Nets are not an offensive juggernaut, but they're showing they always play hard
The adjectives, the descriptors, which Cam Johnson used over and over again to describe the current iteration of the Nets were not ones routinely associated with previous incarnations of the franchise.
Tough. Toughness.
It is indeed a new era. Or at the very least, the start of a new era.
“I think there's a grit,” Johnson said of the Nets following a late-morning practice Wednesday at the Hospital For Special Surgery Training Center. “We're not winning games because we're playing pretty basketball or because we're making shots and things are going our way. I think we're finding ways to win and finding ways to be tough and figured that part of the game out.”

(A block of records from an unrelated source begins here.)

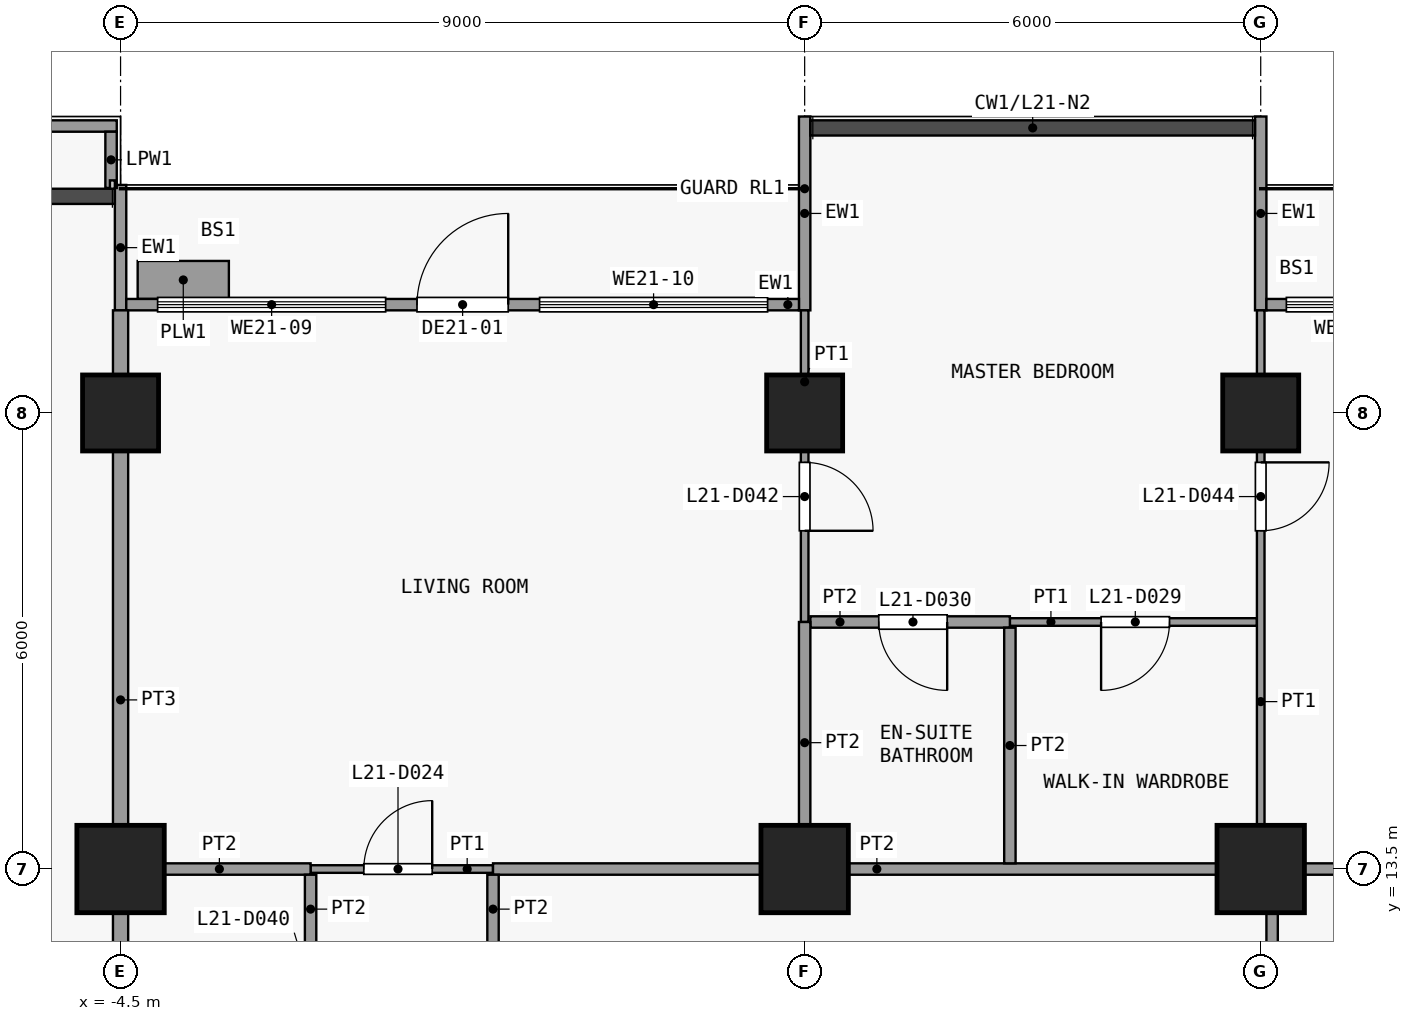
"""IFC4 building model, lengths in metres.
Left out: names, types, materials, properties, quantities, classifications, styles, units other than length and angle.
Written with IfcOpenShell. Run it as: python <this file> out.ifc"""

import sys

from ifc_helpers import new_model, si_unit, direction, frame, frame_2d, origin, origin_2d, place, context, subcontext, project, spatial, rectangle, extrude, element, fill, save


model = new_model("IFC4")
c1 = context("Model", 3, precision=1e-05, world=origin(), true_north=direction((0.0, 1.0)))
c2 = subcontext(c1, "Body", "Model", "MODEL_VIEW")
j1 = project(units=[si_unit("LENGTHUNIT", "METRE"), si_unit("PLANEANGLEUNIT", "RADIAN")], contexts=[c1])
p1 = place(None, origin())
s1 = spatial("IfcSite", under=j1, at=p1, CompositionType="ELEMENT")
p2 = place(p1, origin())
s2 = spatial("IfcBuilding", under=s1, at=p2, CompositionType="ELEMENT")
p3 = place(p2, frame((0.0, 0.0, 88.3)))
s3 = spatial("IfcBuildingStorey", under=s2, at=p3, CompositionType="ELEMENT", Elevation=88.3)
p4 = place(p3, frame((-4.5, 13.5, 0.0), z_axis=(0.0, 0.0, 1.0), x_axis=(1.0, 0.0, 0.0)))
e1 = element("IfcColumn", 1, at=p4, inside=s3, PredefinedType="COLUMN", context=c2, shape_type="SweptSolid", body=[
    extrude(rectangle(XDim=1.15, YDim=1.15, at=origin_2d()), origin(), (0.0, 0.0, 1.0), 3.6),
])
p5 = place(p3, frame((-4.5, 19.5, 0.0), z_axis=(0.0, 0.0, 1.0), x_axis=(1.0, 0.0, 0.0)))
e2 = element("IfcColumn", 2, at=p5, inside=s3, PredefinedType="COLUMN", context=c2, shape_type="SweptSolid", body=[
    extrude(rectangle(XDim=1.0, YDim=1.0, at=origin_2d()), origin(), (0.0, 0.0, 1.0), 3.6),
])
p6 = place(p3, frame((4.5, 13.5, 0.0), z_axis=(0.0, 0.0, 1.0), x_axis=(1.0, 0.0, 0.0)))
e3 = element("IfcColumn", 3, at=p6, inside=s3, PredefinedType="COLUMN", context=c2, shape_type="SweptSolid", body=[
    extrude(rectangle(XDim=1.15, YDim=1.15, at=origin_2d()), origin(), (0.0, 0.0, 1.0), 3.6),
])
p7 = place(p3, frame((4.5, 19.5, 0.0), z_axis=(0.0, 0.0, 1.0), x_axis=(1.0, 0.0, 0.0)))
e4 = element("IfcColumn", 4, at=p7, inside=s3, PredefinedType="COLUMN", context=c2, shape_type="SweptSolid", body=[
    extrude(rectangle(XDim=1.0, YDim=1.0, at=origin_2d()), origin(), (0.0, 0.0, 1.0), 3.6),
])
p8 = place(p3, frame((10.5, 13.5, 0.0), z_axis=(0.0, 0.0, 1.0), x_axis=(1.0, 0.0, 0.0)))
e5 = element("IfcColumn", 5, at=p8, inside=s3, PredefinedType="COLUMN", context=c2, shape_type="SweptSolid", body=[
    extrude(rectangle(XDim=1.15, YDim=1.15, at=origin_2d()), origin(), (0.0, 0.0, 1.0), 3.6),
])
p9 = place(p3, frame((10.5, 19.5, 0.0), z_axis=(0.0, 0.0, 1.0), x_axis=(1.0, 0.0, 0.0)))
e6 = element("IfcColumn", 6, at=p9, inside=s3, PredefinedType="COLUMN", context=c2, shape_type="SweptSolid", body=[
    extrude(rectangle(XDim=1.0, YDim=1.0, at=origin_2d()), origin(), (0.0, 0.0, 1.0), 3.6),
])
p10 = place(p3, frame((-4.5, 20.85, 0.0), z_axis=(0.0, 0.0, 1.0), x_axis=(0.0, 1.0, 0.0)))
e7 = element("IfcWall", 7, at=p10, inside=s3, PredefinedType="SOLIDWALL", context=c2, shape_type="SweptSolid", body=[
    extrude(rectangle(XDim=1.65, YDim=0.15, at=frame_2d((0.825, 0.0))), origin(), (0.0, 0.0, 1.0), 3.3),
])
p11 = place(p3, frame((4.5, 20.85, 0.0), z_axis=(0.0, 0.0, 1.0), x_axis=(0.0, 1.0, 0.0)))
e8 = element("IfcWall", 8, at=p11, inside=s3, PredefinedType="SOLIDWALL", context=c2, shape_type="SweptSolid", body=[
    extrude(rectangle(XDim=2.55, YDim=0.15, at=frame_2d((1.275, 0.0))), origin(), (0.0, 0.0, 1.0), 3.3),
])
p12 = place(p3, frame((-4.425, 20.925, 0.0), z_axis=(0.0, 0.0, 1.0), x_axis=(1.0, 0.0, 0.0)))
e9 = element("IfcWall", 9, at=p12, inside=s3, PredefinedType="SOLIDWALL", context=c2, shape_type="SweptSolid", body=[
    extrude(rectangle(XDim=8.85, YDim=0.15, at=frame_2d((4.425, 0.0))), origin(), (0.0, 0.0, 1.0), 3.3),
])
p13 = place(p12, frame((3.825, 0.0, 0.0)))
e10 = element("IfcOpeningElement", 10, at=p13, cuts=e9, PredefinedType="OPENING", context=c2, shape_type="SweptSolid", body=[
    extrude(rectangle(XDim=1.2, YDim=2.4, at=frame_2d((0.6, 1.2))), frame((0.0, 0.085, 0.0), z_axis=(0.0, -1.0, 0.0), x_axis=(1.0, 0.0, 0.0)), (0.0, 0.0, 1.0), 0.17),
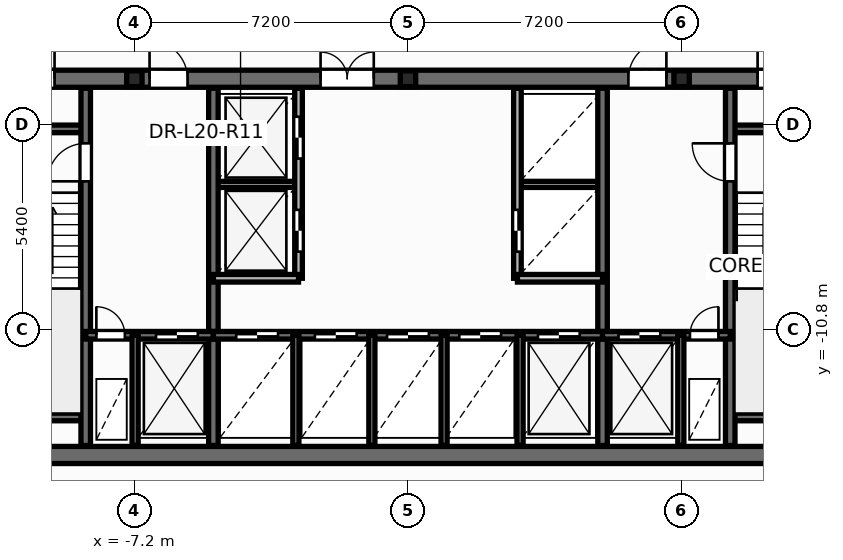
"""IFC4 building model, lengths in metres.
Left out: names, types, materials, properties, quantities, classifications, styles, units other than length and angle.
Written with IfcOpenShell. Run it as: python <this file> out.ifc"""

import sys

from ifc_helpers import new_model, si_unit, direction, frame, frame_2d, origin, origin_2d, place, context, subcontext, project, spatial, rectangle, i_section, extrude, element, fill, save


model = new_model("IFC4")
c1 = context("Model", 3, precision=1e-05, world=origin(), true_north=direction((0.0, 1.0)))
c2 = subcontext(c1, "Body", "Model", "MODEL_VIEW")
j1 = project(units=[si_unit("LENGTHUNIT", "METRE"), si_unit("PLANEANGLEUNIT", "RADIAN")], contexts=[c1])
p1 = place(None, origin())
s1 = spatial("IfcSite", under=j1, at=p1, CompositionType="ELEMENT")
p2 = place(p1, origin())
s2 = spatial("IfcBuilding", under=s1, at=p2, CompositionType="ELEMENT")
p3 = place(p2, frame((0.0, 0.0, 79.2)))
s3 = spatial("IfcBuildingStorey", under=s2, at=p3, CompositionType="ELEMENT", Elevation=79.2)
for number, where, z_axis, x_axis in (
    (1, (-7.2, -4.2, 0.0), (0.0, 0.0, 1.0), (1.0, 0.0, 0.0)),
    (2, (0.0, -4.2, 0.0), (0.0, 0.0, 1.0), (1.0, 0.0, 0.0)),
    (3, (7.2, -4.2, 0.0), (0.0, 0.0, 1.0), (1.0, 0.0, 0.0)),
):
    element("IfcColumn", number, at=place(p3, frame(where, z_axis=z_axis, x_axis=x_axis)), inside=s3, PredefinedType="PILASTER", context=c2, shape_type="SweptSolid", body=[
        extrude(i_section(OverallWidth=0.405, OverallDepth=0.414, WebThickness=0.022, FlangeThickness=0.032, at=origin_2d()), origin(), (0.0, 0.0, 1.0), 3.6),
    ])
for number, where, z_axis, x_axis in (
    (4, (-5.12, -6.98, 0.0), (0.0, 0.0, 1.0), (1.0, 0.0, 0.0)),
    (5, (2.88, -6.98, 0.0), (0.0, 0.0, 1.0), (1.0, 0.0, 0.0)),
):
    element("IfcWall", number, at=place(p3, frame(where, z_axis=z_axis, x_axis=x_axis)), inside=s3, PredefinedType="PARTITIONING", context=c2, shape_type="SweptSolid", body=[
        extrude(rectangle(XDim=2.24, YDim=0.16, at=frame_2d((1.12, 0.0))), origin(), (0.0, 0.0, 1.0), 3.35),
    ])
p4 = place(p3, frame((-12.65, -14.1, 0.0), z_axis=(0.0, 0.0, 1.0), x_axis=(1.0, 0.0, 0.0)))
e6 = element("IfcWall", 6, at=p4, inside=s3, PredefinedType="SHEAR", context=c2, shape_type="SweptSolid", body=[
    extrude(rectangle(XDim=25.3, YDim=0.45, at=frame_2d((12.65, 0.0))), origin(), (0.0, 0.0, 1.0), 3.6),
])
p5 = place(p3, frame((-12.65, -4.2, 0.0), z_axis=(0.0, 0.0, 1.0), x_axis=(1.0, 0.0, 0.0)))
e7 = element("IfcWall", 7, at=p5, inside=s3, PredefinedType="SHEAR", context=c2, shape_type="SweptSolid", body=[
    extrude(rectangle(XDim=25.3, YDim=0.45, at=frame_2d((12.65, 0.0))), origin(), (0.0, 0.0, 1.0), 3.6),
])
p6 = place(p5, frame((0.95, 0.0, 0.0)))
e8 = element("IfcOpeningElement", 8, at=p6, cuts=e7, PredefinedType="OPENING", context=c2, shape_type="SweptSolid", body=[
    extrude(rectangle(XDim=0.756, YDim=2.054, at=frame_2d((0.375, 1.027))), frame((0.0, 0.235, 0.0), z_axis=(0.0, -1.0, 0.0), x_axis=(1.0, 0.0, 0.0)), (0.0, 0.0, 1.0), 0.47),
])
p7 = place(p5, frame((2.6, 0.0, 0.0)))
e9 = element("IfcOpeningElement", 9, at=p7, cuts=e7, PredefinedType="OPENING", context=c2, shape_type="SweptSolid", body=[
    extrude(rectangle(XDim=0.756, YDim=2.054, at=frame_2d((0.375, 1.027))), frame((0.0, 0.235, 0.0), z_axis=(0.0, -1.0, 0.0), x_axis=(1.0, 0.0, 0.0)), (0.0, 0.0, 1.0), 0.47),
])
p8 = place(p5, frame((21.85, 0.0, 0.0)))
e10 = element("IfcOpeningElement", 10, at=p8, cuts=e7, PredefinedType="OPENING", context=c2, shape_type="SweptSolid", body=[
    extrude(rectangle(XDim=0.756, YDim=2.054, at=frame_2d((0.375, 1.027))), frame((0.0, 0.235, 0.0), z_axis=(0.0, -1.0, 0.0), x_axis=(1.0, 0.0, 0.0)), (0.0, 0.0, 1.0), 0.47),
])
p9 = place(p5, frame((23.5, 0.0, 0.0)))
e11 = element("IfcOpeningElement", 11, at=p9, cuts=e7, PredefinedType="OPENING", context=c2, shape_type="SweptSolid", body=[
    extrude(rectangle(XDim=0.756, YDim=2.054, at=frame_2d((0.375, 1.027))), frame((0.0, 0.235, 0.0), z_axis=(0.0, -1.0, 0.0), x_axis=(1.0, 0.0, 0.0)), (0.0, 0.0, 1.0), 0.47),
])
p10 = place(p5, frame((5.85, 0.0, 0.0)))
e12 = element("IfcOpeningElement", 12, at=p10, cuts=e7, PredefinedType="OPENING", context=c2, shape_type="SweptSolid", body=[
    extrude(rectangle(XDim=1.006, YDim=2.104, at=frame_2d((0.5, 1.052))), frame((0.0, 0.235, 0.0), z_axis=(0.0, -1.0, 0.0), x_axis=(1.0, 0.0, 0.0)), (0.0, 0.0, 1.0), 0.47),
])
p11 = place(p5, frame((10.35, 0.0, 0.0)))
e13 = element("IfcOpeningElement", 13, at=p11, cuts=e7, PredefinedType="OPENING", context=c2, shape_type="SweptSolid", body=[
    extrude(rectangle(XDim=1.406, YDim=2.154, at=frame_2d((0.7, 1.077))), frame((0.0, 0.235, 0.0), z_axis=(0.0, -1.0, 0.0), x_axis=(1.0, 0.0, 0.0)), (0.0, 0.0, 1.0), 0.47),
])
p12 = place(p5, frame((18.45, 0.0, 0.0)))
e14 = element("IfcOpeningElement", 14, at=p12, cuts=e7, PredefinedType="OPENING", context=c2, shape_type="SweptSolid", body=[
    extrude(rectangle(XDim=1.006, YDim=2.104, at=frame_2d((0.5, 1.052))), frame((0.0, 0.235, 0.0), z_axis=(0.0, -1.0, 0.0), x_axis=(1.0, 0.0, 0.0)), (0.0, 0.0, 1.0), 0.47),
])
for number, where, z_axis, x_axis in (
    (15, (-12.35, -5.52, 0.0), (0.0, 0.0, 1.0), (1.0, 0.0, 0.0)),
    (16, (-12.35, -13.1, 0.0), (0.0, 0.0, 1.0), (1.0, 0.0, 0.0)),
    (17, (8.48, -5.52, 0.0), (0.0, 0.0, 1.0), (1.0, 0.0, 0.0)),
    (18, (8.48, -13.1, 0.0), (0.0, 0.0, 1.0), (1.0, 0.0, 0.0)),
):
    element("IfcWall", number, at=place(p3, frame(where, z_axis=z_axis, x_axis=x_axis)), inside=s3, PredefinedType="SOLIDWALL", context=c2, shape_type="SweptSolid", body=[
        extrude(rectangle(XDim=3.87, YDim=0.2, at=frame_2d((1.935, 0.0))), origin(), (0.0, 0.0, 1.0), 3.6),
    ])
p13 = place(p3, frame((-8.48, -13.85, 0.0), z_axis=(0.0, 0.0, 1.0), x_axis=(0.0, 1.0, 0.0)))
e19 = element("IfcWall", 19, at=p13, inside=s3, PredefinedType="SHEAR", context=c2, shape_type="SweptSolid", body=[
    extrude(rectangle(XDim=9.4, YDim=0.25, at=frame_2d((4.7, 0.0))), origin(), (0.0, 0.0, 1.0), 3.6),
])
p14 = place(p13, frame((6.95, 0.0, 0.0)))
e20 = element("IfcOpeningElement", 20, at=p14, cuts=e19, PredefinedType="OPENING", context=c2, shape_type="SweptSolid", body=[
    extrude(rectangle(XDim=1.006, YDim=2.104, at=frame_2d((0.5, 1.052))), frame((0.0, 0.135, 0.0), z_axis=(0.0, -1.0, 0.0), x_axis=(1.0, 0.0, 0.0)), (0.0, 0.0, 1.0), 0.27),
])
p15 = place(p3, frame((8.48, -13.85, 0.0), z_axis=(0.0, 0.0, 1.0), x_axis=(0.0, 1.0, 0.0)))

In what was expected to be — and what still very well may happen — a season in which they contend for the first overall pick in the upcoming NBA draft, the Nets find themselves with a record of 4-4 after eight games.
And while all involved acknowledge that essentially one-tenth of the season is too small a sample size to be determinative of trends, the fact remains that the Nets have already beaten the Bucks and swept the season series against the Grizzlies.
Unlike the Kevin Durant-Kyrie Irving era, the 2024-25 Nets are not an offensive juggernaut that possesses the high-end player personnel to outscore defensive lapses and mistakes. The Nets’ 113.5 points per game is 14th in the league.
Not great. Not terrible. Solidly in the middle of the pack.
What they have shown to do well is play hard. The Nets are eighth in the NBA in charges drawn per game (0.50) and 12th in screen assists per game (9.3).
Neither are glamorous data points. But they are instructive as to how the Nets believe they must do in order to be successful.
“I think this year we're just coming in with no excuses,” Jalen Wilson said. “I think we just attack the situation and don't create any disadvantages when it comes to, like I said, being tired mentally, physically. We just come in and want to win and string games together.”
But is it sustainable? Can a team simply effort its way to a winning record by the end of the season?
Johnson believes it can.
“That toughness aspect and how we're trying to play is sustainable,” Johnson said. “And I don't think we're subject to the ebbs and flows of the games as much. Memphis was a hard-fought win, Chicago was a hard-fought win, and there have been some that haven't gone our way, but we've been able to turn around and respond each time."
In part because under first-year coach Jordi Fernandez, the Nets are attacking from the perimeter. The Nets are averaging 40.1 three-point attempts per game, which is seventh-most in the league. As is their 14.4 made threes per game average.
“Overall, the buy-in from our guys and what we're trying to do with our shot chart and shot selection, so far I'm happy,” Fernandez said when asked if he was satisfied with the quality of the three-pointers the Nets have been taking.
Notes & quotes: Are the Nets getting closer to being at full strength? That is somewhat of an open question. Fernandez said Day’Ron Sharpe (hamstring) and Noah Clowney (hip) are status quo, but he believes he will have an update on Trendon Watford (hamstring) Thursday.